The law’s substance is insubstantial compared to the law’s process. The law is never static, it is always in motion; constantly in flux. The logic of the law is an island in this river of process. The river threatens to wash it away; it often does. I speak in metaphor because of language’s object-oriented biases and metaphysical limitations.
These biases and limitations wreak havoc when attempting to give a working theoretical picture of what we call the “law,” and its relation to nature, morality, and justice. That’s an important task because incorrect, ignorant, or lazy assumptions about what the law “is” lead to injustice. That injustice usually masquerades as justice in the guise of a substantive norm. Blacks are chattel, went one such masque, thus they can be bought and sold.
The verb “to be” tells us nothing about the actual existence of its predicate object. The sentence “There are pink unicorns” is existentially false while the statement “There are pink flamingos” is existentially true. But you’d never know the existential truth status of the predicates “pink unicorns” or “pink flamingoes” from the syntax or semantics of the sentences in which they’re objects. There is no way of knowing whether they are existentially true or false without appealing to facts external to the sentence. And since we have solid evidence for the existence of pink flamingos we can truthfully say they exist. Because there is no evidence that pink unicorns exist (outside of fiction) we cannot truly say they exist. No one rational would take you seriously if you began an earnest campaign to save pink unicorns from extinction, but they might if you did so for pink flamingos.
A lot of jurisprudence spends its time asserting the existence of pink unicorns. The ontological tyranny of the verb “to be” is such that it leads us to speak of conclusions of law as if they had an objective existence outside our institutional social realities. An objective existence that confirms the assertion of law as substantive and not arbitrary.
But the problem with any positive assertion of substantive law is that it is difficult to fundamentally justify. Whatever axiom asserted to justify the substantive assertion of law itself requires reference to an external proposition to justify the axiom’s truth. This leads to infinite regress and other logical headaches.
The sovereign theory of law (law as the assertion or threat of force), natural law, and morality all attempt to meet this issue head-on. For good reasons. Legal positivism is empty in a sense. It only tells us how the process works, not whether the process is just. It describes but doesn’t prescribe. And the descriptions are compatible with all sorts of nasty behavior. Positivism is amoral, it’s just there to report on the scene. That way it avoids the issue of substantive uncertainty. But this misses a key piece of the description of how positive law functions and asserts certainty. Through procedure in time.
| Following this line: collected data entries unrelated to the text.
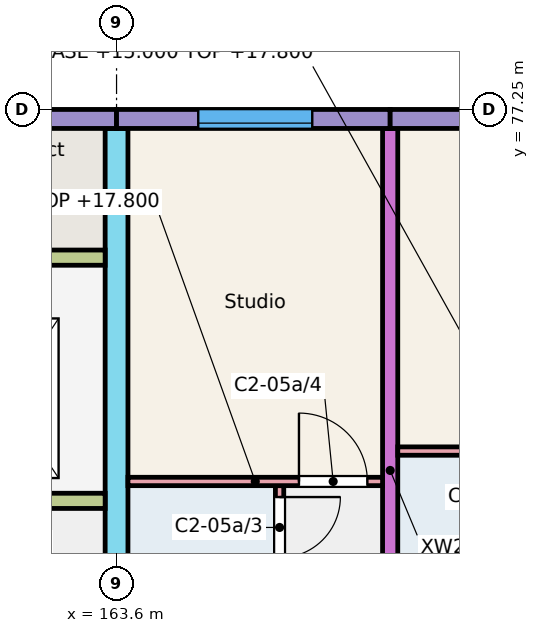
"""IFC4 building model, lengths in metres.
Left out: names, types, materials, properties, quantities, classifications, styles, units other than length and angle.
Written with IfcOpenShell. Run it as: python <this file> out.ifc"""

import sys

from ifc_helpers import new_model, si_unit, direction, frame, frame_2d, origin, place, context, subcontext, project, spatial, rectangle, extrude, element, fill, save


model = new_model("IFC4")
c1 = context("Model", 3, precision=1e-05, world=origin(), true_north=direction((0.0, 1.0)))
c2 = subcontext(c1, "Body", "Model", "MODEL_VIEW")
j1 = project(units=[si_unit("LENGTHUNIT", "METRE"), si_unit("PLANEANGLEUNIT", "RADIAN")], contexts=[c1])
p1 = place(None, origin())
s1 = spatial("IfcSite", under=j1, at=p1, CompositionType="ELEMENT")
p2 = place(p1, origin())
s2 = spatial("IfcBuilding", under=s1, at=p2, CompositionType="ELEMENT")
p3 = place(p2, frame((0.0, 0.0, 15.0)))
s3 = spatial("IfcBuildingStorey", under=s2, at=p3, CompositionType="ELEMENT", Elevation=15.0)
p4 = place(p3, frame((163.6, 66.0, 0.0), z_axis=(0.0, 0.0, 1.0), x_axis=(0.0, 1.0, 0.0)))
e1 = element("IfcWall", 1, at=p4, inside=s3, PredefinedType="SHEAR", context=c2, shape_type="SweptSolid", body=[
    extrude(rectangle(XDim=11.0, YDim=0.3, at=frame_2d((5.5, 0.0))), origin(), (0.0, 0.0, 1.0), 3.0),
])
p5 = place(p4, frame((0.3, 0.0, 0.0)))
e2 = element("IfcOpeningElement", 2, at=p5, cuts=e1, PredefinedType="OPENING", context=c2, shape_type="SweptSolid", body=[
    extrude(rectangle(XDim=1.2, YDim=2.1, at=frame_2d((0.6, 1.05))), frame((0.0, 0.16, 0.0), z_axis=(0.0, -1.0, 0.0), x_axis=(1.0, 0.0, 0.0)), (0.0, 0.0, 1.0), 0.32),
])
p6 = place(p3, frame((167.2, 68.0, 0.0), z_axis=(0.0, 0.0, 1.0), x_axis=(0.0, 1.0, 0.0)))
e3 = element("IfcWall", 3, at=p6, inside=s3, PredefinedType="SHEAR", context=c2, shape_type="SweptSolid", body=[
    extrude(rectangle(XDim=9.0, YDim=0.2, at=frame_2d((4.5, 0.0))), origin(), (0.0, 0.0, 1.0), 3.0),
])
p7 = place(p3, frame((160.625, 77.125, 0.0), z_axis=(0.0, 0.0, 1.0), x_axis=(1.0, 0.0, 0.0)))
e4 = element("IfcWall", 4, at=p7, inside=s3, PredefinedType="SOLIDWALL", context=c2, shape_type="SweptSolid", body=[
    extrude(rectangle(XDim=2.975, YDim=0.25, at=frame_2d((1.488, 0.0))), origin(), (0.0, 0.0, 1.0), 3.0),
])
p8 = place(p3, frame((157.725, 72.1, 0.0), z_axis=(0.0, 0.0, 1.0), x_axis=(1.0, 0.0, 0.0)))
e5 = element("IfcWall", 5, at=p8, inside=s3, PredefinedType="SHEAR", context=c2, shape_type="SweptSolid", body=[
    extrude(rectangle(XDim=5.725, YDim=0.2, at=frame_2d((2.862, 0.0))), origin(), (0.0, 0.0, 1.0), 3.0),
])
p9 = place(p8, frame((0.95, 0.0, 0.0)))
e6 = element("IfcOpeningElement", 6, at=p9, cuts=e5, PredefinedType="OPENING", context=c2, shape_type="SweptSolid", body=[
    extrude(rectangle(XDim=1.0, YDim=2.1, at=frame_2d((0.5, 1.05))), frame((0.0, 0.11, 0.0), z_axis=(0.0, -1.0, 0.0), x_axis=(1.0, 0.0, 0.0)), (0.0, 0.0, 1.0), 0.22),
])
p10 = place(p8, frame((3.863, 0.0, 0.0)))
e7 = element("IfcOpeningElement", 7, at=p10, cuts=e5, PredefinedType="OPENING", context=c2, shape_type="SweptSolid", body=[
    extrude(rectangle(XDim=1.1, YDim=2.1, at=frame_2d((0.55, 1.05))), frame((0.0, 0.11, 0.0), z_axis=(0.0, -1.0, 0.0), x_axis=(1.0, 0.0, 0.0)), (0.0, 0.0, 1.0), 0.22),
])
p11 = place(p3, frame((160.825, 75.3, 0.0), z_axis=(0.0, 0.0, 1.0), x_axis=(1.0, 0.0, 0.0)))
e8 = element("IfcWall", 8, at=p11, inside=s3, PredefinedType="SHEAR", context=c2, shape_type="SweptSolid", body=[
    extrude(rectangle(XDim=2.625, YDim=0.2, at=frame_2d((1.312, 0.0))), origin(), (0.0, 0.0, 1.0), 3.0),
])
p12 = place(p3, frame((163.6, 77.125, 0.0), z_axis=(0.0, 0.0, 1.0), x_axis=(1.0, 0.0, 0.0)))
e9 = element("IfcWall", 9, at=p12, inside=s3, PredefinedType="SOLIDWALL", context=c2, shape_type="SweptSolid", body=[
    extrude(rectangle(XDim=3.6, YDim=0.25, at=frame_2d((1.8, 0.0))), origin(), (0.0, 0.0, 1.0), 3.0),
])
p13 = place(p12, frame((1.075, 0.0, 0.9)))
e10 = element("IfcOpeningElement", 10, at=p13, cuts=e9, PredefinedType="OPENING", context=c2, shape_type="SweptSolid", body=[
    extrude(rectangle(XDim=1.5, YDim=1.5, at=frame_2d((0.75, 0.75))), frame((0.0, 0.135, 0.0), z_axis=(0.0, -1.0, 0.0), x_axis=(1.0, 0.0, 0.0)), (0.0, 0.0, 1.0), 0.27),
])
p14 = place(p3, frame((167.2, 77.125, 0.0), z_axis=(0.0, 0.0, 1.0), x_axis=(1.0, 0.0, 0.0)))
e11 = element("IfcWall", 11, at=p14, inside=s3, PredefinedType="SOLIDWALL", context=c2, shape_type="SweptSolid", body=[
    extrude(rectangle(XDim=3.6, YDim=0.25, at=frame_2d((1.8, 0.0))), origin(), (0.0, 0.0, 1.0), 3.0),
])
p15 = place(p14, frame((1.05, 0.0, 0.9)))
e12 = element("IfcOpeningElement", 12, at=p15, cuts=e11, PredefinedType="OPENING", context=c2, shape_type="SweptSolid", body=[
    extrude(rectangle(XDim=1.5, YDim=1.5, at=frame_2d((0.75, 0.75))), frame((0.0, 0.135, 0.0), z_axis=(0.0, -1.0, 0.0), x_axis=(1.0, 0.0, 0.0)), (0.0, 0.0, 1.0), 0.27),
])
p16 = place(p3, frame((165.745, 68.0, 0.0), z_axis=(0.0, 0.0, 1.0), x_axis=(0.0, 1.0, 0.0)))
e13 = element("IfcWall", 13, at=p16, inside=s3, PredefinedType="PARTITIONING", context=c2, shape_type="SweptSolid", body=[
    extrude(rectangle(XDim=4.3, YDim=0.11, at=frame_2d((2.15, 0.0))), origin(), (0.0, 0.0, 1.0), 2.8),
])
p17 = place(p16, frame((0.2, 0.0, 0.0)))
e14 = element("IfcOpeningElement", 14, at=p17, cuts=e13, PredefinedType="OPENING", context=c2, shape_type="SweptSolid", body=[
    extrude(rectangle(XDim=0.8, YDim=2.1, at=frame_2d((0.4, 1.05))), frame((0.0, 0.065, 0.0), z_axis=(0.0, -1.0, 0.0), x_axis=(1.0, 0.0, 0.0)), (0.0, 0.0, 1.0), 0.13),
])
p18 = place(p16, frame((3.35, 0.0, 0.0)))
e15 = element("IfcOpeningElement", 15, at=p18, cuts=e13, PredefinedType="OPENING", context=c2, shape_type="SweptSolid", body=[
    extrude(rectangle(XDim=0.8, YDim=2.1, at=frame_2d((0.4, 1.05))), frame((0.0, 0.065, 0.0), z_axis=(0.0, -1.0, 0.0), x_axis=(1.0, 0.0, 0.0)), (0.0, 0.0, 1.0), 0.13),
])
p19 = place(p3, frame((163.75, 72.355, 0.0), z_axis=(0.0, 0.0, 1.0), x_axis=(1.0, 0.0, 0.0)))
e16 = element("IfcWall", 16, at=p19, inside=s3, PredefinedType="PARTITIONING", context=c2, shape_type="SweptSolid", body=[
    extrude(rectangle(XDim=3.35, YDim=0.11, at=frame_2d((1.675, 0.0))), origin(), (0.0, 0.0, 1.0), 2.8),
])
p20 = place(p19, frame((2.25, 0.0, 0.0)))
e17 = element("IfcOpeningElement", 17, at=p20, cuts=e16, PredefinedType="OPENING", context=c2, shape_type="SweptSolid", body=[
    extrude(rectangle(XDim=0.9, YDim=2.1, at=frame_2d((0.45, 1.05))), frame((0.0, 0.065, 0.0), z_axis=(0.0, -1.0, 0.0), x_axis=(1.0, 0.0, 0.0)), (0.0, 0.0, 1.0), 0.13),
])
p21 = place(p3, frame((167.3, 72.755, 0.0), z_axis=(0.0, 0.0, 1.0), x_axis=(1.0, 0.0, 0.0)))
e18 = element("IfcWall", 18, at=p21, inside=s3, PredefinedType="PARTITIONING", context=c2, shape_type="SweptSolid", body=[
    extrude(rectangle(XDim=3.4, YDim=0.11, at=frame_2d((1.7, 0.0))), origin(), (0.0, 0.0, 1.0), 2.8),
])
p22 = place(p21, frame((2.3, 0.0, 0.0)))
e19 = element("IfcOpeningElement", 19, at=p22, cuts=e18, PredefinedType="OPENING", context=c2, shape_type="SweptSolid", body=[
    extrude(rectangle(XDim=0.9, YDim=2.1, at=frame_2d((0.45, 1.05))), frame((0.0, 0.065, 0.0), z_axis=(0.0, -1.0, 0.0), x_axis=(1.0, 0.0, 0.0)), (0.0, 0.0, 1.0), 0.13),
])
p23 = place(p13, origin())
e20 = element("IfcWindow", 20, at=p23, inside=s3, PartitioningType="SINGLE_PANEL", PredefinedType="WINDOW", context=c2, shape_type="SweptSolid", body=[
    extrude(rectangle(XDim=1.5, YDim=1.5, at=frame_2d((0.75, 0.75))), frame((0.0, -0.025, 0.0), z_axis=(0.0, -1.0, 0.0), x_axis=(1.0, 0.0, 0.0)), (0.0, 0.0, 1.0), 0.06),
])
fill(e10, e20)
p24 = place(p18, origin())
e21 = element("IfcDoor", 21, at=p24, inside=s3, OperationType="SINGLE_SWING_RIGHT", PredefinedType="DOOR", context=c2, shape_type="SweptSolid", body=[
    extrude(rectangle(XDim=0.8, YDim=2.1, at=frame_2d((0.4, 1.05))), frame((0.0, 0.025, 0.0), z_axis=(0.0, -1.0, 0.0), x_axis=(1.0, 0.0, 0.0)), (0.0, 0.0, 1.0), 0.05),
])
fill(e15, e21)
p25 = place(p20, origin())
e22 = element("IfcDoor", 22, at=p25, inside=s3, OperationType="SINGLE_SWING_LEFT", PredefinedType="DOOR", context=c2, shape_type="SweptSolid", body=[
    extrude(rectangle(XDim=0.9, YDim=2.1, at=frame_2d((0.45, 1.05))), frame((0.0, 0.025, 0.0), z_axis=(0.0, -1.0, 0.0), x_axis=(1.0, 0.0, 0.0)), (0.0, 0.0, 1.0), 0.05),
])
fill(e17, e22)
save(model, sys.argv[1])

The law asserts certainty through procedure that leads to finality. In the English-American legal tradition, this process includes multiple levels of review where the substantive law is subject to reversal, modification, nullification, or reconsideration. Historically, a constant of legal systems is that they bring certainty through procedural finality. All developed legal systems have appellate procedures permitting the review and revision of lower-level substantive legal determinations. The law recognizes it may be mistaken and acknowledges this in its process.
Because law evolved to deal with uncertainty. Uncertainty and objective indeterminacy don’t undermine the law because the law is asserted certainty. That legal certainty evolves from a procedural quest for finality on a societal and individual level, with primacy given to the societal. That’s why trial by ordeal lasted for centuries. The law brings finality to disputes for the benefit of society. But it doesn’t follow from this that theories of natural law, morality, or justice are irrelevant. Or that if Due Process is met, it doesn’t matter if the law executes the innocent. But that’s a complicated conversation for another day, let’s stick to basics.
The point today is just that people focus too heavily on substantive law as giving the law its certainty. But substantive law is always changing and different across legal systems. The one constant historically across legal systems is procedure that leads to finality. That may be a trivial truth safely ignored, but I’m not convinced of that. I think it has implications for the practitioner - I know I’ve got a shot at changing the substantive law during the procedural run of a given case (I’ve done it) but there’s little chance of changing any of the procedures. This has strategic and tactical implications. For instance, I may file a substantive challenge to a law that I know I’m going to lose in that lower court in order to preserve it for appeal in a higher court. Or file policy cases I know I’ll probably lose all the way up the ladder but that introduce concepts that later, through the process, lead to a change in the substantive law. This is a common practice. That the law’s process recognizes the indeterminacy and subjectivity of the law’s positive substantive assertions is the law’s glory, not its weakness. How would we ever rid ourselves of unjust laws if there was no process with which to do so?